Garai adds that the bureaucratic wheels can turn slowly when establishing a Protected Area. Although she has submitted the information required to have Ekolo ya Bonobo included in a global database, ABC’s 117,000-acre bonobo refuge has not yet been added.
Oil Exploration Paused?
A glimmer of hope for averting ecological catastrophe in the Congo may have emerged from American Secretary of State Antony J. Blinken’s visit to Kinshasa on August 9. Blinken discussed the oil and gas lease auction with Tshisekedi, as well as with the DRC’s foreign minister and prime minister. The officials then jointly announced formation of a team to reconsider the oil and gas development plan. According to the New York Times, Blinken’s remarks were the first public stand by the U.S. government on the issue.
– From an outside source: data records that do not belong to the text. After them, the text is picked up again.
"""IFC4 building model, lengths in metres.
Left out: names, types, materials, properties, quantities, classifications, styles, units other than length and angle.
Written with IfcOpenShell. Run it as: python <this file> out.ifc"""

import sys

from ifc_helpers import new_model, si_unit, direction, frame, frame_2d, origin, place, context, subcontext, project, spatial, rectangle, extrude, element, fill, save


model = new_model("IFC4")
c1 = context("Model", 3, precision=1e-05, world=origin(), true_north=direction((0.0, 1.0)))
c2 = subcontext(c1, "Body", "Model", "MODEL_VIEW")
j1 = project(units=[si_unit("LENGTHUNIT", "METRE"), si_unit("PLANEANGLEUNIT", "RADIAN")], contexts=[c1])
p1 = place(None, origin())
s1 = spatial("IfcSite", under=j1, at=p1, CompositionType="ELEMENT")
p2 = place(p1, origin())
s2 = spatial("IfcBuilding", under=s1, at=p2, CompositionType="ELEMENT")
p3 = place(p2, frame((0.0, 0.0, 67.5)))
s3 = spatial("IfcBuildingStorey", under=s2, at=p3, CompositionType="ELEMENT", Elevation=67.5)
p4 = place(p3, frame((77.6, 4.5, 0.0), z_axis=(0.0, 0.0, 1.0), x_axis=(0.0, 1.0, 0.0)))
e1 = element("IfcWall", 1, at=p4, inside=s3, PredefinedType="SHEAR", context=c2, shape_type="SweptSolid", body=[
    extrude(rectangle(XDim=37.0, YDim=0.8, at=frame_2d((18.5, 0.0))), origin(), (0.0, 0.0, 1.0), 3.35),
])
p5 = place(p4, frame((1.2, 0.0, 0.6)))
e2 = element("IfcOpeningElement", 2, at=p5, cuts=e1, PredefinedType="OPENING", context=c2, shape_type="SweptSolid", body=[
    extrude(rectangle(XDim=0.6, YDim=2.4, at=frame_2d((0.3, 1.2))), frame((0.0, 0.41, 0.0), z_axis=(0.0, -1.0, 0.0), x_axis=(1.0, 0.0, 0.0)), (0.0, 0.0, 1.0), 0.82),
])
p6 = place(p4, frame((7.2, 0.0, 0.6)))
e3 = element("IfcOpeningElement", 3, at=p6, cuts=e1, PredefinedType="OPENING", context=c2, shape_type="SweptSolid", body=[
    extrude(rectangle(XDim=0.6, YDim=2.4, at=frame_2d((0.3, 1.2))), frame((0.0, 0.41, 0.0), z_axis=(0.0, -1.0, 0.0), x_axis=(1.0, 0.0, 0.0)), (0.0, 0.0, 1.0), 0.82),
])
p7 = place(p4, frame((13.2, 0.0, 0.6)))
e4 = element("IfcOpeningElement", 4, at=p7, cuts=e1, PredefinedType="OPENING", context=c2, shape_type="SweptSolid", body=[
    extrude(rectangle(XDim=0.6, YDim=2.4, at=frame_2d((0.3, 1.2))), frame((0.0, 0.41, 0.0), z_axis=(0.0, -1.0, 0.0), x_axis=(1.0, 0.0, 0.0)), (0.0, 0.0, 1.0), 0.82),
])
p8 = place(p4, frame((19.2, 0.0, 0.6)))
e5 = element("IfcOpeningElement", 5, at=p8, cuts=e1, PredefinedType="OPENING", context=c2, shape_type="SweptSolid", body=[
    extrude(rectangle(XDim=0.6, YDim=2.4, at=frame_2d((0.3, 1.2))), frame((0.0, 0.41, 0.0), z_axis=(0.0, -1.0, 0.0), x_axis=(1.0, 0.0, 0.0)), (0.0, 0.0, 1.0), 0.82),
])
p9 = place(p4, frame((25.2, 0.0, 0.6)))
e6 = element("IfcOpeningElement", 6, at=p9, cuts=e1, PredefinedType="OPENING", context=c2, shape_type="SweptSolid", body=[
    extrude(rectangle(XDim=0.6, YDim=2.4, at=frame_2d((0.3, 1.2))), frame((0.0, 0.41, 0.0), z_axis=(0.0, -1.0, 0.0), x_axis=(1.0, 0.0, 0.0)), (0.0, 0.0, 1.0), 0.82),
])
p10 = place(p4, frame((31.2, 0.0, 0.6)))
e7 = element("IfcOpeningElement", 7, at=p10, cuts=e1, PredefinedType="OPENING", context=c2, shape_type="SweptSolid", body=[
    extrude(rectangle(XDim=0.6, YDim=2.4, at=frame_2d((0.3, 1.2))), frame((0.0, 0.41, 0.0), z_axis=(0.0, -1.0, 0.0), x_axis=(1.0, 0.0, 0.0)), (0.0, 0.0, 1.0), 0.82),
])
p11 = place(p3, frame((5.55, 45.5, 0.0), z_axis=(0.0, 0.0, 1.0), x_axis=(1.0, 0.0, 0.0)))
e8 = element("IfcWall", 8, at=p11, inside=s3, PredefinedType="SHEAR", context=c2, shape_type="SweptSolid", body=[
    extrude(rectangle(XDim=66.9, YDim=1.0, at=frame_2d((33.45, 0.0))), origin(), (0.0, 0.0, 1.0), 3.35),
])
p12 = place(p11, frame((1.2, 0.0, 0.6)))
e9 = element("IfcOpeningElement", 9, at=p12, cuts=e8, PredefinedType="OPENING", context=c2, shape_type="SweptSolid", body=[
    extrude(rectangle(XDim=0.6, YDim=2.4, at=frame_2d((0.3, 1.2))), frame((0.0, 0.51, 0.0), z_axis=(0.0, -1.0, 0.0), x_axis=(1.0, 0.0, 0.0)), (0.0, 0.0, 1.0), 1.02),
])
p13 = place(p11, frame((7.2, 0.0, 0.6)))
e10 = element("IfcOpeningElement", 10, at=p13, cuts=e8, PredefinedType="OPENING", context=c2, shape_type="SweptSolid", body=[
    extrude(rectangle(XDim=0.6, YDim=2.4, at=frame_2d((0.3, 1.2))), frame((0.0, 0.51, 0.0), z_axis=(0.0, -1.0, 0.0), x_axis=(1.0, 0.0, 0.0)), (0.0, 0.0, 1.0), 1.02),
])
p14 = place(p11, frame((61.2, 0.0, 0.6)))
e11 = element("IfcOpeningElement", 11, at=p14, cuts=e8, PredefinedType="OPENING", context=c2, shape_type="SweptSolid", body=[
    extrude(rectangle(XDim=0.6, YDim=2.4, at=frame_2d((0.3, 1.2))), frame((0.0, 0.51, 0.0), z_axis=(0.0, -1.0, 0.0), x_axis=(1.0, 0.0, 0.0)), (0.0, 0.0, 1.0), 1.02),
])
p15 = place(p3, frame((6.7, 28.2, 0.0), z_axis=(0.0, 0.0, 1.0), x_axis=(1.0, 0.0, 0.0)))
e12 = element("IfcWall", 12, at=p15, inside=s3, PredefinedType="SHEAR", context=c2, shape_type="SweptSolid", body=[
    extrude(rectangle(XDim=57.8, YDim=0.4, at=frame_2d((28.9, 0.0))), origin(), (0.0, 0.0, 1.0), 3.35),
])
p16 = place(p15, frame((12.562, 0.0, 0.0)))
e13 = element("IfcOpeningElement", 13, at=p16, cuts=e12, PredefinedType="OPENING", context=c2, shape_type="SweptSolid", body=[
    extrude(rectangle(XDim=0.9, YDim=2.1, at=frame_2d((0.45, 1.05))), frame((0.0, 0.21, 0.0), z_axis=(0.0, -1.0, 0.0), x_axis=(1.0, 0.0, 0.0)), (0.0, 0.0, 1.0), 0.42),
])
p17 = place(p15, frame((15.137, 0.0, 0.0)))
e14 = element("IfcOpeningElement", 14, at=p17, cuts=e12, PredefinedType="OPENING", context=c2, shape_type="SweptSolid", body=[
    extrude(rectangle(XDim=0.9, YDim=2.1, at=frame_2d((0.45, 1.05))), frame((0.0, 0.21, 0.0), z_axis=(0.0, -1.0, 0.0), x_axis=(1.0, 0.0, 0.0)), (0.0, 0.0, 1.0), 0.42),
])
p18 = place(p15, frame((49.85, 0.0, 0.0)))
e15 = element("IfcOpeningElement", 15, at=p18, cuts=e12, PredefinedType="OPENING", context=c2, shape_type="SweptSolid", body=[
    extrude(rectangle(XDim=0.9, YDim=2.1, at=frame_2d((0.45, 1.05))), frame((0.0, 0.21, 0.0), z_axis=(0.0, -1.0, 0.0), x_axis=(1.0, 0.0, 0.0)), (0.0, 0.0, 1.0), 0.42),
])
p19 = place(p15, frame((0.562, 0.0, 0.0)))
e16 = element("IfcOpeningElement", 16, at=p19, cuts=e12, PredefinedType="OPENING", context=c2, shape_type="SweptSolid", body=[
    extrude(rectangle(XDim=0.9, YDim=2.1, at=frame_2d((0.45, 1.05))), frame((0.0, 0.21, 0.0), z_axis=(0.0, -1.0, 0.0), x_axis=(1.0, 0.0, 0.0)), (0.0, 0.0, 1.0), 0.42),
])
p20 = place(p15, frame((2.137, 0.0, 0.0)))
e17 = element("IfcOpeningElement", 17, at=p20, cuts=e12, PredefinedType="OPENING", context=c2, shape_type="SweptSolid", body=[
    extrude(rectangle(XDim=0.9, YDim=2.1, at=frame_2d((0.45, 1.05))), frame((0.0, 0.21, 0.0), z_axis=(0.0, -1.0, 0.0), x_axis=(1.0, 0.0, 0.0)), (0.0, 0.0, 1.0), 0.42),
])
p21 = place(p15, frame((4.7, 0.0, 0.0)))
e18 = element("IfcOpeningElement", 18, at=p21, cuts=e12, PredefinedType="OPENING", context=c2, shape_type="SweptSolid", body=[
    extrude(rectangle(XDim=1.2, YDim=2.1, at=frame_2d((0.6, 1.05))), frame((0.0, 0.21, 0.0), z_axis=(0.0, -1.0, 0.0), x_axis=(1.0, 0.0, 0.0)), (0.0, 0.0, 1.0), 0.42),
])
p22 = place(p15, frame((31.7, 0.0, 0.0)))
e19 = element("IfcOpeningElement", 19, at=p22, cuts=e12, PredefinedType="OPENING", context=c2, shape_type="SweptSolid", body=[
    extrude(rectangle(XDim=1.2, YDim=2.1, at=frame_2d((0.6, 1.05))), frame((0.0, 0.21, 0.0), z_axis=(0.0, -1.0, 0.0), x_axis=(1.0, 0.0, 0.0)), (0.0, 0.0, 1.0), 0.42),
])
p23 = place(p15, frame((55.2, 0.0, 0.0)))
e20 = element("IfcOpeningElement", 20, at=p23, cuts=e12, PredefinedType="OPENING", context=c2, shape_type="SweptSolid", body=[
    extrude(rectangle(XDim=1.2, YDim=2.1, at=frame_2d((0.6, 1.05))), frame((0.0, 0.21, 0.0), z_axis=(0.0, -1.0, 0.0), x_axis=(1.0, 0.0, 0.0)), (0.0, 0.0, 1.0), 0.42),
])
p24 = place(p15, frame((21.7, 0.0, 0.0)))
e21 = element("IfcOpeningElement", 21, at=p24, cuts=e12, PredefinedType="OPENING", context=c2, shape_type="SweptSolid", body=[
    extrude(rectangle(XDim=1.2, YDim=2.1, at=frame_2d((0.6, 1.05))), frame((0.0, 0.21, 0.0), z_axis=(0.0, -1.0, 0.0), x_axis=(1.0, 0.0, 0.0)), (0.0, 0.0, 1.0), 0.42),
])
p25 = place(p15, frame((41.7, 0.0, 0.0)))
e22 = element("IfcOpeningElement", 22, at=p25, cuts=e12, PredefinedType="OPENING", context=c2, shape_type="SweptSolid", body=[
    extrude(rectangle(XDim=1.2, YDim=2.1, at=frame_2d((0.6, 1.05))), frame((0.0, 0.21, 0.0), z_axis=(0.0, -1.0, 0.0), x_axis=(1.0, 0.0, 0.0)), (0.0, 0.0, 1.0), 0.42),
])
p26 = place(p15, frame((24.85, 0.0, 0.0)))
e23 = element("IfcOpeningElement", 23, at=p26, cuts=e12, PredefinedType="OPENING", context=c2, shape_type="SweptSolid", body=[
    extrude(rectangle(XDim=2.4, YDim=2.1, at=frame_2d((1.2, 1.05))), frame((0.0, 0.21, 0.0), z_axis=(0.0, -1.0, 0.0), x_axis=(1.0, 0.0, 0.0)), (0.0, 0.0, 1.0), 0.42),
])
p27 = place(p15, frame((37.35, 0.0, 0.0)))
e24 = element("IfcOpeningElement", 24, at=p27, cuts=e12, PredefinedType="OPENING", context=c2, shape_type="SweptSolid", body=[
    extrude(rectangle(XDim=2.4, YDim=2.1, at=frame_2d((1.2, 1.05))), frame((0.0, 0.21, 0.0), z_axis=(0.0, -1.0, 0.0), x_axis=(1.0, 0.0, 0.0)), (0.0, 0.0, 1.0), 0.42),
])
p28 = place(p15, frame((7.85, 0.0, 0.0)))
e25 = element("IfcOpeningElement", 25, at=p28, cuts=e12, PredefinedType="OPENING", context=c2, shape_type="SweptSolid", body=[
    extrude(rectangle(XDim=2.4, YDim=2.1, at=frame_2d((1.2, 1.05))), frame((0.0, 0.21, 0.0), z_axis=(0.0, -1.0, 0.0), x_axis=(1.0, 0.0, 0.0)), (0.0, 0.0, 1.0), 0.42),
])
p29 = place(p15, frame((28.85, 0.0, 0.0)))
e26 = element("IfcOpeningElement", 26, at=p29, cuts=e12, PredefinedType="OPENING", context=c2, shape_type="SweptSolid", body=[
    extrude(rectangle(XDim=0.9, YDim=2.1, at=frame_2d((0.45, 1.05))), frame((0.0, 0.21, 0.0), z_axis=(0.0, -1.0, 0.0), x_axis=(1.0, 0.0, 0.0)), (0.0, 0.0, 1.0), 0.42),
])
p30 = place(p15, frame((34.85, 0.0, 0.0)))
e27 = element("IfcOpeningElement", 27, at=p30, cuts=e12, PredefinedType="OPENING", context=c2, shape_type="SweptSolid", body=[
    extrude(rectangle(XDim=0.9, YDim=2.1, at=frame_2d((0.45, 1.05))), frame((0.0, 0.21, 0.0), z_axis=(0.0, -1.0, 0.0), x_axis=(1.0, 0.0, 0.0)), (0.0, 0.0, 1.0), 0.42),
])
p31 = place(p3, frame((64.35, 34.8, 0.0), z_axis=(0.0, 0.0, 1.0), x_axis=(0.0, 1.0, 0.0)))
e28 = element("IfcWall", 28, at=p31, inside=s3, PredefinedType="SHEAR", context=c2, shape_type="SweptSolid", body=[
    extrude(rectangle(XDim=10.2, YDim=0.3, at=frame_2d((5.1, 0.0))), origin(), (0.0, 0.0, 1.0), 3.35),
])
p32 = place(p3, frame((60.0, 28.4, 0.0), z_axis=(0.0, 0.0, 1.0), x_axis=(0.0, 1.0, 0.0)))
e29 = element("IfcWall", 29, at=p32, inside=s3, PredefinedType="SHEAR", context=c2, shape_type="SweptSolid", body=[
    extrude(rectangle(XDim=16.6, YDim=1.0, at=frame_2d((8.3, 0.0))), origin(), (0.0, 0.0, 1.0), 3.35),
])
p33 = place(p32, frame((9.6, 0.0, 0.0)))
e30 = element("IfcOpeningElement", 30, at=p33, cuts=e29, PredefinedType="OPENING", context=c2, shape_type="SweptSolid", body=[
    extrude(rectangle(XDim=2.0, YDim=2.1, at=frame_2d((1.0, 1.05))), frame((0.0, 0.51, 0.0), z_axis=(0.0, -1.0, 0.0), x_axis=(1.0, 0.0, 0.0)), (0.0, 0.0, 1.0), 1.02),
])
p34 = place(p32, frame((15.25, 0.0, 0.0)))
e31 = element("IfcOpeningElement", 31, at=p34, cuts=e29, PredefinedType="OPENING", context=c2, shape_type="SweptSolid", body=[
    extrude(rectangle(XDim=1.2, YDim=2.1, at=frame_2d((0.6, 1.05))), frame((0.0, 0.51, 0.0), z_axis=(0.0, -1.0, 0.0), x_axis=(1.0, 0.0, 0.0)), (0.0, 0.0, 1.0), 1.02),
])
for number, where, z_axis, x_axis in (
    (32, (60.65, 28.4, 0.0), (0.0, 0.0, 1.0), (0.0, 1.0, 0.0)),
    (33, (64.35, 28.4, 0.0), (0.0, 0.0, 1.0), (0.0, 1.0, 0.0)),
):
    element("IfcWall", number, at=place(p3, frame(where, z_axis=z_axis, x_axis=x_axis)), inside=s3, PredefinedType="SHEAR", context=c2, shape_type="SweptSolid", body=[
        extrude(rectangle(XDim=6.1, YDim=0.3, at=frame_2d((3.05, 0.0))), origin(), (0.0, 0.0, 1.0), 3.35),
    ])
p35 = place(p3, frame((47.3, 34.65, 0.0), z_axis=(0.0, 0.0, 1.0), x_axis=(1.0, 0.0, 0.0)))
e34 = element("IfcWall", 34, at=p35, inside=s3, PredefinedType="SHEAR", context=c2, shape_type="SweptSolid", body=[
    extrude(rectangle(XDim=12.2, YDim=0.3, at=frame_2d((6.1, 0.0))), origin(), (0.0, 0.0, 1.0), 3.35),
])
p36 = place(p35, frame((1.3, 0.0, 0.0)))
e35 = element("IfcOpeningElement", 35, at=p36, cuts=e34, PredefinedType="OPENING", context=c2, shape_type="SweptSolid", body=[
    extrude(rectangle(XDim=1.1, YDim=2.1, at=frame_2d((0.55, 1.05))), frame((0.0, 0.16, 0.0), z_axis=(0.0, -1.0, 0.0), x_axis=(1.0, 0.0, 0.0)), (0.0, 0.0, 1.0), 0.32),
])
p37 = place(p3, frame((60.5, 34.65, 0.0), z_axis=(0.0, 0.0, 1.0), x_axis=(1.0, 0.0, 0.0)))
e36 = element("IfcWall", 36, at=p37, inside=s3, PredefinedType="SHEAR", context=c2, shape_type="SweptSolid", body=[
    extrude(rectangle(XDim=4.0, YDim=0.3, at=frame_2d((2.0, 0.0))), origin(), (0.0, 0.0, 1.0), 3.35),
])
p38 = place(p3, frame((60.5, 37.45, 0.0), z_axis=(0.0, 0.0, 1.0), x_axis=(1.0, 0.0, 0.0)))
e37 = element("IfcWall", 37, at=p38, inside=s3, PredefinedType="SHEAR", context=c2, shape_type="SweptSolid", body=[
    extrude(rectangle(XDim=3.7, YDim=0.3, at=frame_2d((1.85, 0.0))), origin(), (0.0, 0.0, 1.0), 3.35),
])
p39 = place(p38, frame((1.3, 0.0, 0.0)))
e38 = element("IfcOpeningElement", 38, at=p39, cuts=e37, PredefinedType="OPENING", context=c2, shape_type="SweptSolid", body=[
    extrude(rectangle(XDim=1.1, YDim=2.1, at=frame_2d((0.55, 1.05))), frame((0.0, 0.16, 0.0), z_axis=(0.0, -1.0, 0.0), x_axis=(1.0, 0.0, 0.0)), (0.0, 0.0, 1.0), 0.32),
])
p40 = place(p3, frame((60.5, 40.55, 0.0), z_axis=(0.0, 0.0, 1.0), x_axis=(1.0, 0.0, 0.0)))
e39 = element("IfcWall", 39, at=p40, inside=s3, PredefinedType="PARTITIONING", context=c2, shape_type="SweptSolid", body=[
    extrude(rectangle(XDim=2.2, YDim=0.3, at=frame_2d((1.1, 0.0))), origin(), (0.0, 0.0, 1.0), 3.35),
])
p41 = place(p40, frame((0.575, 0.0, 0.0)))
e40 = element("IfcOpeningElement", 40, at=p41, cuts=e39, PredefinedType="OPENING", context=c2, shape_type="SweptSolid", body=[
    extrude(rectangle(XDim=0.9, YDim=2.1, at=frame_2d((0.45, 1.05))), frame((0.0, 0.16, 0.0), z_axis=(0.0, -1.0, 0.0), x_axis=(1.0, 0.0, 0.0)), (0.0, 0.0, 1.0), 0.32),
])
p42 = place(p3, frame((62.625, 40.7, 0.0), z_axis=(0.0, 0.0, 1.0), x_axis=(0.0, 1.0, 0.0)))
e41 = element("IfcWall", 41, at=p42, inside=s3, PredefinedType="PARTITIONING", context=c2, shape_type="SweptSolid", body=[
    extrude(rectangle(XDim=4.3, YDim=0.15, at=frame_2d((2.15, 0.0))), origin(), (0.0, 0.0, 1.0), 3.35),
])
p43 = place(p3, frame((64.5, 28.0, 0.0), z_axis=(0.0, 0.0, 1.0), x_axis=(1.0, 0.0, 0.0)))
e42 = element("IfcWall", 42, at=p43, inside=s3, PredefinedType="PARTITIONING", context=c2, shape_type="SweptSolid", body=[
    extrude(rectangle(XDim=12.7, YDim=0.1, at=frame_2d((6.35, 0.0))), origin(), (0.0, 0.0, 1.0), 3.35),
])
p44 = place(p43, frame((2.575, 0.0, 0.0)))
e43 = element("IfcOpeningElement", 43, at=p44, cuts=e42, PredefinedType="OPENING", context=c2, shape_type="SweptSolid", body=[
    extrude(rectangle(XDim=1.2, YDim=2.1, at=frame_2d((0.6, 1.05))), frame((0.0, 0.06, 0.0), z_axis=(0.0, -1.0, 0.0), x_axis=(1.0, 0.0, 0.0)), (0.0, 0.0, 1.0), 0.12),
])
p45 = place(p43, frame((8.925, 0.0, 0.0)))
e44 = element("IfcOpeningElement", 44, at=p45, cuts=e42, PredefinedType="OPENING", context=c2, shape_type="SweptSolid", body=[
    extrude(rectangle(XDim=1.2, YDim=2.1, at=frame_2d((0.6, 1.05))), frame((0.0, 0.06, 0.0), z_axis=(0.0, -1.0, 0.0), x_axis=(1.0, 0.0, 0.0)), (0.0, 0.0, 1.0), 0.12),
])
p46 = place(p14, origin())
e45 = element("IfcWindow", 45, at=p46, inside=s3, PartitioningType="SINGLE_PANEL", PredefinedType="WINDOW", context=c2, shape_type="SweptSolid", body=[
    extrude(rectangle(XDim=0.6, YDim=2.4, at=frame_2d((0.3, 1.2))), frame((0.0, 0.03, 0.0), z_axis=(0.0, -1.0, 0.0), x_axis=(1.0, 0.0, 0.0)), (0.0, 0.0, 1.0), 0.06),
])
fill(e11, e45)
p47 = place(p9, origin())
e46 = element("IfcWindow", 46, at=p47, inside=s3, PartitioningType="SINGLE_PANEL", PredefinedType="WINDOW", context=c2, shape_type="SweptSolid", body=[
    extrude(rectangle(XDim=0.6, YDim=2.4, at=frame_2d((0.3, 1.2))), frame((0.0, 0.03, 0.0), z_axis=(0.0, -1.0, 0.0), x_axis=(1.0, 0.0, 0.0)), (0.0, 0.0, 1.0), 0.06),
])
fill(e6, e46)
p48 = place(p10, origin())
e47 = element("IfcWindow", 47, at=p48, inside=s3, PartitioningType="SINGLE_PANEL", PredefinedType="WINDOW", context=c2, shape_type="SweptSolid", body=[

At least one environmental scientist reacted with hope. Simon Lewis, a leading member of the CongoPeat team, was quoted by the Times saying, “Logically, the DRC government should now officially halt the oil auction until the new…working group has concluded its discussion and implemented any near-team actions.”
The situation is fluid and unpredictable, but the mission of Friends of Bonobos of the Congo remains the same – save and protect bonobos for the long term in partnership with communities living near bonobo habitat. Conservation that provides direct benefits to people - helping them meet their basic needs for food, health care, and economic opportunity - can reduce incentives for damaging oil and gas extraction.
Jeannette De Wyze was a journalist at the San Diego Reader, where she wrote cover stories and news articles for 30 years. Today she’s a bonobo lover and supporter and the volunteer liaison between Women’s Empowerment International and the Nyaka Grannies Project in Uganda. She also raises puppies to be service dogs for Canine Companions for Independence and is an active blogger.